Criteria for evaluating Layering • The determination to use layering depends upon a comparison of the overhead required for layering (increased complexity in the codec, increased transmission bit rate, increased complexity for handling the layers within the network) and the extent to which layering facilitates recovery of image quality when packets are lost (determined by SNR or by subjective evaluation).
Principle Factors Affecting Image Degradation in a Packet Loss Environment • The nature of the packet loss (random or bursty) • The relation between packet loss and video coding data (amount and type of video data lost with a packet). • Factors relating to video images being transmitted (losses referring to background-> not very apparent, losses referring to a person’s face->very noticeable). These factors depend greatly upon the content of the video. • Factors related to coding schemes (the effect of packet loss is dependent on the prediction method, and thus it is strongly dependent on the actual coding algorithm and coding bit rates.).

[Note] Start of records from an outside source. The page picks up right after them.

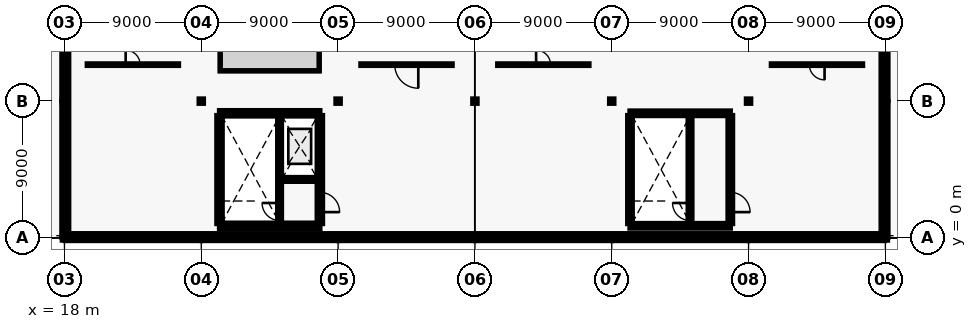
"""IFC4 building model, lengths in metres.
Left out: names, types, materials, properties, quantities, classifications, styles, units other than length and angle.
Written with IfcOpenShell. Run it as: python <this file> out.ifc"""

import sys

from ifc_helpers import new_model, si_unit, direction, frame, frame_2d, origin, origin_2d, place, context, subcontext, project, spatial, rectangle, i_section, extrude, element, fill, save


model = new_model("IFC4")
c1 = context("Model", 3, precision=1e-05, world=origin(), true_north=direction((0.0, 1.0)))
c2 = subcontext(c1, "Body", "Model", "MODEL_VIEW")
j1 = project(units=[si_unit("LENGTHUNIT", "METRE"), si_unit("PLANEANGLEUNIT", "RADIAN")], contexts=[c1])
p1 = place(None, origin())
s1 = spatial("IfcSite", under=j1, at=p1, CompositionType="ELEMENT")
p2 = place(p1, origin())
s2 = spatial("IfcBuilding", under=s1, at=p2, CompositionType="ELEMENT")
p3 = place(p2, frame((0.0, 0.0, 13.5)))
s3 = spatial("IfcBuildingStorey", under=s2, at=p3, CompositionType="ELEMENT", Elevation=13.5)
for number, where, z_axis, x_axis in (
    (1, (18.0, 0.0, 0.0), (0.0, 0.0, 1.0), (1.0, 0.0, 0.0)),
    (2, (18.0, 9.0, 0.0), (0.0, 0.0, 1.0), (1.0, 0.0, 0.0)),
    (3, (27.0, 0.0, 0.0), (0.0, 0.0, 1.0), (1.0, 0.0, 0.0)),
    (4, (27.0, 9.0, 0.0), (0.0, 0.0, 1.0), (1.0, 0.0, 0.0)),
    (5, (36.0, 0.0, 0.0), (0.0, 0.0, 1.0), (1.0, 0.0, 0.0)),
    (6, (36.0, 9.0, 0.0), (0.0, 0.0, 1.0), (1.0, 0.0, 0.0)),
    (7, (45.0, 0.0, 0.0), (0.0, 0.0, 1.0), (1.0, 0.0, 0.0)),
    (8, (45.0, 9.0, 0.0), (0.0, 0.0, 1.0), (1.0, 0.0, 0.0)),
    (9, (54.0, 0.0, 0.0), (0.0, 0.0, 1.0), (1.0, 0.0, 0.0)),
    (10, (54.0, 9.0, 0.0), (0.0, 0.0, 1.0), (1.0, 0.0, 0.0)),
    (11, (63.0, 0.0, 0.0), (0.0, 0.0, 1.0), (1.0, 0.0, 0.0)),
    (12, (63.0, 9.0, 0.0), (0.0, 0.0, 1.0), (1.0, 0.0, 0.0)),
    (13, (72.0, 0.0, 0.0), (0.0, 0.0, 1.0), (1.0, 0.0, 0.0)),
    (14, (72.0, 9.0, 0.0), (0.0, 0.0, 1.0), (1.0, 0.0, 0.0)),
):
    element("IfcColumn", number, at=place(p3, frame(where, z_axis=z_axis, x_axis=x_axis)), inside=s3, PredefinedType="COLUMN", context=c2, shape_type="SweptSolid", body=[
        extrude(i_section(OverallWidth=0.28, OverallDepth=0.28, WebThickness=0.01, FlangeThickness=0.018, FilletRadius=0.024, at=origin_2d()), origin(), (0.0, 0.0, 1.0), 3.9),
    ])
for number, where, z_axis, x_axis in (
    (15, (18.06, 0.0, 0.0), (0.0, 0.0, 1.0), (1.0, 0.0, 0.0)),
    (16, (27.06, 0.0, 0.0), (0.0, 0.0, 1.0), (1.0, 0.0, 0.0)),
    (17, (36.06, 0.0, 0.0), (0.0, 0.0, 1.0), (1.0, 0.0, 0.0)),
    (18, (45.06, 0.0, 0.0), (0.0, 0.0, 1.0), (1.0, 0.0, 0.0)),
    (19, (54.06, 0.0, 0.0), (0.0, 0.0, 1.0), (1.0, 0.0, 0.0)),
    (20, (63.06, 0.0, 0.0), (0.0, 0.0, 1.0), (1.0, 0.0, 0.0)),
    (21, (18.0, 0.06, 0.0), (0.0, 0.0, 1.0), (0.0, 1.0, 0.0)),
):
    element("IfcWall", number, at=place(p3, frame(where, z_axis=z_axis, x_axis=x_axis)), inside=s3, PredefinedType="SOLIDWALL", context=c2, shape_type="SweptSolid", body=[
        extrude(rectangle(XDim=8.88, YDim=0.34, at=frame_2d((4.44, 0.0))), origin(), (0.0, 0.0, 1.0), 3.2),
    ])
p4 = place(p3, frame((18.0, 9.06, 0.0), z_axis=(0.0, 0.0, 1.0), x_axis=(0.0, 1.0, 0.0)))
e22 = element("IfcWall", 22, at=p4, inside=s3, PredefinedType="SOLIDWALL", context=c2, shape_type="SweptSolid", body=[
    extrude(rectangle(XDim=8.88, YDim=0.34, at=frame_2d((4.44, 0.0))), origin(), (0.0, 0.0, 1.0), 3.2),
])
p5 = place(p4, frame((3.89, 0.0, 0.0)))
e23 = element("IfcOpeningElement", 23, at=p5, cuts=e22, PredefinedType="OPENING", context=c2, shape_type="SweptSolid", body=[
    extrude(rectangle(XDim=1.1, YDim=2.15, at=frame_2d((0.55, 1.075))), frame((0.0, 0.18, 0.0), z_axis=(0.0, -1.0, 0.0), x_axis=(1.0, 0.0, 0.0)), (0.0, 0.0, 1.0), 0.36),
])
p6 = place(p3, frame((72.0, 0.06, 0.0), z_axis=(0.0, 0.0, 1.0), x_axis=(0.0, 1.0, 0.0)))
e24 = element("IfcWall", 24, at=p6, inside=s3, PredefinedType="SOLIDWALL", context=c2, shape_type="SweptSolid", body=[
    extrude(rectangle(XDim=8.88, YDim=0.34, at=frame_2d((4.44, 0.0))), origin(), (0.0, 0.0, 1.0), 3.2),
])
p7 = place(p3, frame((72.0, 9.06, 0.0), z_axis=(0.0, 0.0, 1.0), x_axis=(0.0, 1.0, 0.0)))
e25 = element("IfcWall", 25, at=p7, inside=s3, PredefinedType="SOLIDWALL", context=c2, shape_type="SweptSolid", body=[
    extrude(rectangle(XDim=8.88, YDim=0.34, at=frame_2d((4.44, 0.0))), origin(), (0.0, 0.0, 1.0), 3.2),
])
p8 = place(p7, frame((3.84, 0.0, 0.0)))
e26 = element("IfcOpeningElement", 26, at=p8, cuts=e25, PredefinedType="OPENING", context=c2, shape_type="SweptSolid", body=[
    extrude(rectangle(XDim=1.2, YDim=2.15, at=frame_2d((0.6, 1.075))), frame((0.0, 0.18, 0.0), z_axis=(0.0, -1.0, 0.0), x_axis=(1.0, 0.0, 0.0)), (0.0, 0.0, 1.0), 0.36),
])
p9 = place(p3, frame((18.14, 0.14, 3.9), z_axis=(0.0, 0.0, 1.0), x_axis=(1.0, 0.0, 0.0)))
e27 = element("IfcWall", 27, at=p9, inside=s3, PredefinedType="PARAPET", context=c2, shape_type="SweptSolid", body=[
    extrude(rectangle(XDim=53.72, YDim=0.28, at=frame_2d((26.86, 0.0))), origin(), (0.0, 0.0, 1.0), 1.2),
])
for number, where, z_axis, x_axis in (
    (28, (18.14, 0.14, 3.9), (0.0, 0.0, 1.0), (0.0, 1.0, 0.0)),
    (29, (71.86, 0.14, 3.9), (0.0, 0.0, 1.0), (0.0, 1.0, 0.0)),
):
    element("IfcWall", number, at=place(p3, frame(where, z_axis=z_axis, x_axis=x_axis)), inside=s3, PredefinedType="PARAPET", context=c2, shape_type="SweptSolid", body=[
        extrude(rectangle(XDim=17.72, YDim=0.28, at=frame_2d((8.86, 0.0))), origin(), (0.0, 0.0, 1.0), 1.2),
    ])
for number, where, z_axis, x_axis in (
    (30, (28.2, 0.8, 0.0), (0.0, 0.0, 1.0), (1.0, 0.0, 0.0)),
    (31, (28.2, 8.2, 0.0), (0.0, 0.0, 1.0), (1.0, 0.0, 0.0)),
):
    element("IfcWall", number, at=place(p3, frame(where, z_axis=z_axis, x_axis=x_axis)), inside=s3, PredefinedType="SHEAR", context=c2, shape_type="SweptSolid", body=[
        extrude(rectangle(XDim=6.6, YDim=0.35, at=frame_2d((3.3, 0.0))), origin(), (0.0, 0.0, 1.0), 3.7),
    ])
p10 = place(p3, frame((28.2, 0.95, 0.0), z_axis=(0.0, 0.0, 1.0), x_axis=(0.0, 1.0, 0.0)))
e32 = element("IfcWall", 32, at=p10, inside=s3, PredefinedType="SHEAR", context=c2, shape_type="SweptSolid", body=[
    extrude(rectangle(XDim=7.1, YDim=0.35, at=frame_2d((3.55, 0.0))), origin(), (0.0, 0.0, 1.0), 3.7),
])
p11 = place(p3, frame((34.8, 0.95, 0.0), z_axis=(0.0, 0.0, 1.0), x_axis=(0.0, 1.0, 0.0)))
e33 = element("IfcWall", 33, at=p11, inside=s3, PredefinedType="SHEAR", context=c2, shape_type="SweptSolid", body=[
    extrude(rectangle(XDim=7.1, YDim=0.35, at=frame_2d((3.55, 0.0))), origin(), (0.0, 0.0, 1.0), 3.7),
])
p12 = place(p11, frame((0.75, 0.0, 0.0)))
e34 = element("IfcOpeningElement", 34, at=p12, cuts=e33, PredefinedType="OPENING", context=c2, shape_type="SweptSolid", body=[
    extrude(rectangle(XDim=1.3, YDim=2.15, at=frame_2d((0.65, 1.075))), frame((0.0, 0.185, 0.0), z_axis=(0.0, -1.0, 0.0), x_axis=(1.0, 0.0, 0.0)), (0.0, 0.0, 1.0), 0.37),
])
p13 = place(p3, frame((32.15, 0.95, 0.0), z_axis=(0.0, 0.0, 1.0), x_axis=(0.0, 1.0, 0.0)))
e35 = element("IfcWall", 35, at=p13, inside=s3, PredefinedType="SHEAR", context=c2, shape_type="SweptSolid", body=[
    extrude(rectangle(XDim=7.1, YDim=0.25, at=frame_2d((3.55, 0.0))), origin(), (0.0, 0.0, 1.0), 3.7),
])
p14 = place(p13, frame((0.2, 0.0, 0.0)))
e36 = element("IfcOpeningElement", 36, at=p14, cuts=e35, PredefinedType="OPENING", context=c2, shape_type="SweptSolid", body=[
    extrude(rectangle(XDim=1.15, YDim=2.15, at=frame_2d((0.575, 1.075))), frame((0.0, 0.135, 0.0), z_axis=(0.0, -1.0, 0.0), x_axis=(1.0, 0.0, 0.0)), (0.0, 0.0, 1.0), 0.27),
])
p15 = place(p3, frame((32.27, 3.85, 0.0), z_axis=(0.0, 0.0, 1.0), x_axis=(1.0, 0.0, 0.0)))
e37 = element("IfcWall", 37, at=p15, inside=s3, PredefinedType="SHEAR", context=c2, shape_type="SweptSolid", body=[
    extrude(rectangle(XDim=2.38, YDim=0.25, at=frame_2d((1.19, 0.0))), origin(), (0.0, 0.0, 1.0), 3.7),
])
p16 = place(p15, frame((0.64, 0.0, 0.0)))
e38 = element("IfcOpeningElement", 38, at=p16, cuts=e37, PredefinedType="OPENING", context=c2, shape_type="SweptSolid", body=[
    extrude(rectangle(XDim=1.1, YDim=2.15, at=frame_2d((0.55, 1.075))), frame((0.0, 0.135, 0.0), z_axis=(0.0, -1.0, 0.0), x_axis=(1.0, 0.0, 0.0)), (0.0, 0.0, 1.0), 0.27),
])
for number, where, z_axis, x_axis in (
    (39, (55.2, 0.8, 0.0), (0.0, 0.0, 1.0), (1.0, 0.0, 0.0)),
    (40, (55.2, 8.2, 0.0), (0.0, 0.0, 1.0), (1.0, 0.0, 0.0)),
):
    element("IfcWall", number, at=place(p3, frame(where, z_axis=z_axis, x_axis=x_axis)), inside=s3, PredefinedType="SHEAR", context=c2, shape_type="SweptSolid", body=[
        extrude(rectangle(XDim=6.6, YDim=0.3, at=frame_2d((3.3, 0.0))), origin(), (0.0, 0.0, 1.0), 3.7),
    ])
p17 = place(p3, frame((55.2, 0.95, 0.0), z_axis=(0.0, 0.0, 1.0), x_axis=(0.0, 1.0, 0.0)))
e41 = element("IfcWall", 41, at=p17, inside=s3, PredefinedType="SHEAR", context=c2, shape_type="SweptSolid", body=[
    extrude(rectangle(XDim=7.1, YDim=0.3, at=frame_2d((3.55, 0.0))), origin(), (0.0, 0.0, 1.0), 3.7),
])
p18 = place(p3, frame((61.8, 0.95, 0.0), z_axis=(0.0, 0.0, 1.0), x_axis=(0.0, 1.0, 0.0)))
e42 = element("IfcWall", 42, at=p18, inside=s3, PredefinedType="SHEAR", context=c2, shape_type="SweptSolid", body=[
    extrude(rectangle(XDim=7.1, YDim=0.3, at=frame_2d((3.55, 0.0))), origin(), (0.0, 0.0, 1.0), 3.7),
])
p19 = place(p18, frame((0.75, 0.0, 0.0)))
e43 = element("IfcOpeningElement", 43, at=p19, cuts=e42, PredefinedType="OPENING", context=c2, shape_type="SweptSolid", body=[
    extrude(rectangle(XDim=1.3, YDim=2.15, at=frame_2d((0.65, 1.075))), frame((0.0, 0.16, 0.0), z_axis=(0.0, -1.0, 0.0), x_axis=(1.0, 0.0, 0.0)), (0.0, 0.0, 1.0), 0.32),
])
p20 = place(p3, frame((59.15, 0.95, 0.0), z_axis=(0.0, 0.0, 1.0), x_axis=(0.0, 1.0, 0.0)))
e44 = element("IfcWall", 44, at=p20, inside=s3, PredefinedType="SHEAR", context=c2, shape_type="SweptSolid", body=[
    extrude(rectangle(XDim=7.1, YDim=0.25, at=frame_2d((3.55, 0.0))), origin(), (0.0, 0.0, 1.0), 3.7),
])
p21 = place(p20, frame((0.2, 0.0, 0.0)))
e45 = element("IfcOpeningElement", 45, at=p21, cuts=e44, PredefinedType="OPENING", context=c2, shape_type="SweptSolid", body=[
    extrude(rectangle(XDim=1.15, YDim=2.15, at=frame_2d((0.575, 1.075))), frame((0.0, 0.135, 0.0), z_axis=(0.0, -1.0, 0.0), x_axis=(1.0, 0.0, 0.0)), (0.0, 0.0, 1.0), 0.27),
])
p22 = place(p3, frame((19.5, 11.4, 0.0), z_axis=(0.0, 0.0, 1.0), x_axis=(1.0, 0.0, 0.0)))
e46 = element("IfcWall", 46, at=p22, inside=s3, PredefinedType="PARTITIONING", context=c2, shape_type="SweptSolid", body=[
    extrude(rectangle(XDim=6.0, YDim=0.1, at=frame_2d((3.0, 0.0))), origin(), (0.0, 0.0, 1.0), 2.9),
])
p23 = place(p22, frame((2.525, 0.0, 0.0)))
e47 = element("IfcOpeningElement", 47, at=p23, cuts=e46, PredefinedType="OPENING", context=c2, shape_type="SweptSolid", body=[
    extrude(rectangle(XDim=0.95, YDim=2.1, at=frame_2d((0.475, 1.05))), frame((0.0, 0.06, 0.0), z_axis=(0.0, -1.0, 0.0), x_axis=(1.0, 0.0, 0.0)), (0.0, 0.0, 1.0), 0.12),
])
p24 = place(p3, frame((37.5, 11.4, 0.0), z_axis=(0.0, 0.0, 1.0), x_axis=(1.0, 0.0, 0.0)))
e48 = element("IfcWall", 48, at=p24, inside=s3, PredefinedType="PARTITIONING", context=c2, shape_type="SweptSolid", body=[
    extrude(rectangle(XDim=6.0, YDim=0.1, at=frame_2d((3.0, 0.0))), origin(), (0.0, 0.0, 1.0), 2.9),
])
p25 = place(p24, frame((2.225, 0.0, 0.0)))
e49 = element("IfcOpeningElement", 49, at=p25, cuts=e48, PredefinedType="OPENING", context=c2, shape_type="SweptSolid", body=[
    extrude(rectangle(XDim=1.55, YDim=2.25, at=frame_2d((0.775, 1.125))), frame((0.0, 0.06, 0.0), z_axis=(0.0, -1.0, 0.0), x_axis=(1.0, 0.0, 0.0)), (0.0, 0.0, 1.0), 0.12),
])
p26 = place(p3, frame((46.5, 11.4, 0.0), z_axis=(0.0, 0.0, 1.0), x_axis=(1.0, 0.0, 0.0)))
e50 = element("IfcWall", 50, at=p26, inside=s3, PredefinedType="PARTITIONING", context=c2, shape_type="SweptSolid", body=[
    extrude(rectangle(XDim=6.0, YDim=0.1, at=frame_2d((3.0, 0.0))), origin(), (0.0, 0.0, 1.0), 2.9),
])
p27 = place(p26, frame((2.525, 0.0, 0.0)))
e51 = element("IfcOpeningElement", 51, at=p27, cuts=e50, PredefinedType="OPENING", context=c2, shape_type="SweptSolid", body=[
    extrude(rectangle(XDim=0.95, YDim=2.1, at=frame_2d((0.475, 1.05))), frame((0.0, 0.06, 0.0), z_axis=(0.0, -1.0, 0.0), x_axis=(1.0, 0.0, 0.0)), (0.0, 0.0, 1.0), 0.12),
])
p28 = place(p3, frame((64.5, 11.4, 0.0), z_axis=(0.0, 0.0, 1.0), x_axis=(1.0, 0.0, 0.0)))
e52 = element("IfcWall", 52, at=p28, inside=s3, PredefinedType="PARTITIONING", context=c2, shape_type="SweptSolid", body=[
    extrude(rectangle(XDim=6.0, YDim=0.1, at=frame_2d((3.0, 0.0))), origin(), (0.0, 0.0, 1.0), 2.9),
])
p29 = place(p28, frame((2.5, 0.0, 0.0)))
e53 = element("IfcOpeningElement", 53, at=p29, cuts=e52, PredefinedType="OPENING", context=c2, shape_type="SweptSolid", body=[
    extrude(rectangle(XDim=1.0, YDim=2.1, at=frame_2d((0.5, 1.05))), frame((0.0, 0.06, 0.0), z_axis=(0.0, -1.0, 0.0), x_axis=(1.0, 0.0, 0.0)), (0.0, 0.0, 1.0), 0.12),
])
p30 = place(p12, frame((1.3, 0.0, 0.0), z_axis=(0.0, 0.0, 1.0), x_axis=(-1.0, 0.0, 0.0)))
e54 = element("IfcDoor", 54, at=p30, inside=s3, OperationType="DOUBLE_DOOR_SINGLE_SWING", PredefinedType="DOOR", context=c2, shape_type="SweptSolid", body=[
    extrude(rectangle(XDim=1.3, YDim=2.15, at=frame_2d((0.65, 1.075))), frame((0.0, 0.025, 0.0), z_axis=(0.0, -1.0, 0.0), x_axis=(1.0, 0.0, 0.0)), (0.0, 0.0, 1.0), 0.05),
])
fill(e34, e54)
p31 = place(p14, frame((1.15, 0.0, 0.0), z_axis=(0.0, 0.0, 1.0), x_axis=(-1.0, 0.0, 0.0)))
e55 = element("IfcDoor", 55, at=p31, inside=s3, OperationType="SINGLE_SWING_RIGHT", PredefinedType="DOOR", context=c2, shape_type="SweptSolid", body=[
    extrude(rectangle(XDim=1.15, YDim=2.15, at=frame_2d((0.575, 1.075))), frame((0.0, 0.025, 0.0), z_axis=(0.0, -1.0, 0.0), x_axis=(1.0, 0.0, 0.0)), (0.0, 0.0, 1.0), 0.05),
])
fill(e36, e55)
p32 = place(p16, origin())
e56 = element("IfcDoor", 56, at=p32, inside=s3, OperationType="SLIDING_TO_LEFT", PredefinedType="DOOR", context=c2, shape_type="SweptSolid", body=[
    extrude(rectangle(XDim=1.1, YDim=2.15, at=frame_2d((0.55, 1.075))), frame((0.0, 0.025, 0.0), z_axis=(0.0, -1.0, 0.0), x_axis=(1.0, 0.0, 0.0)), (0.0, 0.0, 1.0), 0.05),
])
fill(e38, e56)
p33 = place(p19, frame((1.3, 0.0, 0.0), z_axis=(0.0, 0.0, 1.0), x_axis=(-1.0, 0.0, 0.0)))
e57 = element("IfcDoor", 57, at=p33, inside=s3, OperationType="DOUBLE_DOOR_SINGLE_SWING", PredefinedType="DOOR", context=c2, shape_type="SweptSolid", body=[
    extrude(rectangle(XDim=1.3, YDim=2.15, at=frame_2d((0.65, 1.075))), frame((0.0, 0.025, 0.0), z_axis=(0.0, -1.0, 0.0), x_axis=(1.0, 0.0, 0.0)), (0.0, 0.0, 1.0), 0.05),
])
fill(e43, e57)
p34 = place(p21, frame((1.15, 0.0, 0.0), z_axis=(0.0, 0.0, 1.0), x_axis=(-1.0, 0.0, 0.0)))
e58 = element("IfcDoor", 58, at=p34, inside=s3, OperationType="SINGLE_SWING_RIGHT", PredefinedType="DOOR", context=c2, shape_type="SweptSolid", body=[
    extrude(rectangle(XDim=1.15, YDim=2.15, at=frame_2d((0.575, 1.075))), frame((0.0, 0.025, 0.0), z_axis=(0.0, -1.0, 0.0), x_axis=(1.0, 0.0, 0.0)), (0.0, 0.0, 1.0), 0.05),
])
fill(e45, e58)
p35 = place(p23, origin())
e59 = element("IfcDoor", 59, at=p35, inside=s3, OperationType="SINGLE_SWING_LEFT", PredefinedType="DOOR", context=c2, shape_type="SweptSolid", body=[
    extrude(rectangle(XDim=0.95, YDim=2.1, at=frame_2d((0.475, 1.05))), frame((0.0, 0.025, 0.0), z_axis=(0.0, -1.0, 0.0), x_axis=(1.0, 0.0, 0.0)), (0.0, 0.0, 1.0), 0.05),
])
fill(e47, e59)
p36 = place(p25, origin())
e60 = element("IfcDoor", 60, at=p36, inside=s3, OperationType="SINGLE_SWING_RIGHT", PredefinedType="DOOR", context=c2, shape_type="SweptSolid", body=[
    extrude(rectangle(XDim=1.55, YDim=2.25, at=frame_2d((0.775, 1.125))), frame((0.0, 0.025, 0.0), z_axis=(0.0, -1.0, 0.0), x_axis=(1.0, 0.0, 0.0)), (0.0, 0.0, 1.0), 0.05),
])
fill(e49, e60)
p37 = place(p27, origin())
e61 = element("IfcDoor", 61, at=p37, inside=s3, OperationType="SINGLE_SWING_LEFT", PredefinedType="DOOR", context=c2, shape_type="SweptSolid", body=[
    extrude(rectangle(XDim=0.95, YDim=2.1, at=frame_2d((0.475, 1.05))), frame((0.0, 0.025, 0.0), z_axis=(0.0, -1.0, 0.0), x_axis=(1.0, 0.0, 0.0)), (0.0, 0.0, 1.0), 0.05),
])
fill(e51, e61)
p38 = place(p29, origin())
e62 = element("IfcDoor", 62, at=p38, inside=s3, OperationType="SINGLE_SWING_RIGHT", PredefinedType="DOOR", context=c2, shape_type="SweptSolid", body=[
    extrude(rectangle(XDim=1.0, YDim=2.1, at=frame_2d((0.5, 1.05))), frame((0.0, 0.025, 0.0), z_axis=(0.0, -1.0, 0.0), x_axis=(1.0, 0.0, 0.0)), (0.0, 0.0, 1.0), 0.05),
])
fill(e53, e62)
save(model, sys.argv[1])

Video Quality with Layered DCT • The basic concept of DCT layering is to scan DCT coefficients and assign the DC and low-frequency components to the upper, priority layer, and the other components to the lower, nonpriority layer (figure 6.13). • Results of subjective evaluation:15 viewers, 4 decoded video sequences, NTSC video signals (table 6.5). For nonprioritized coding, degradation starts to become noticeable at a packet loss rate of 0.01%. With two-layer prioritized coding, degradation is not noticeable until packet loss reached 10% (figure 6.27).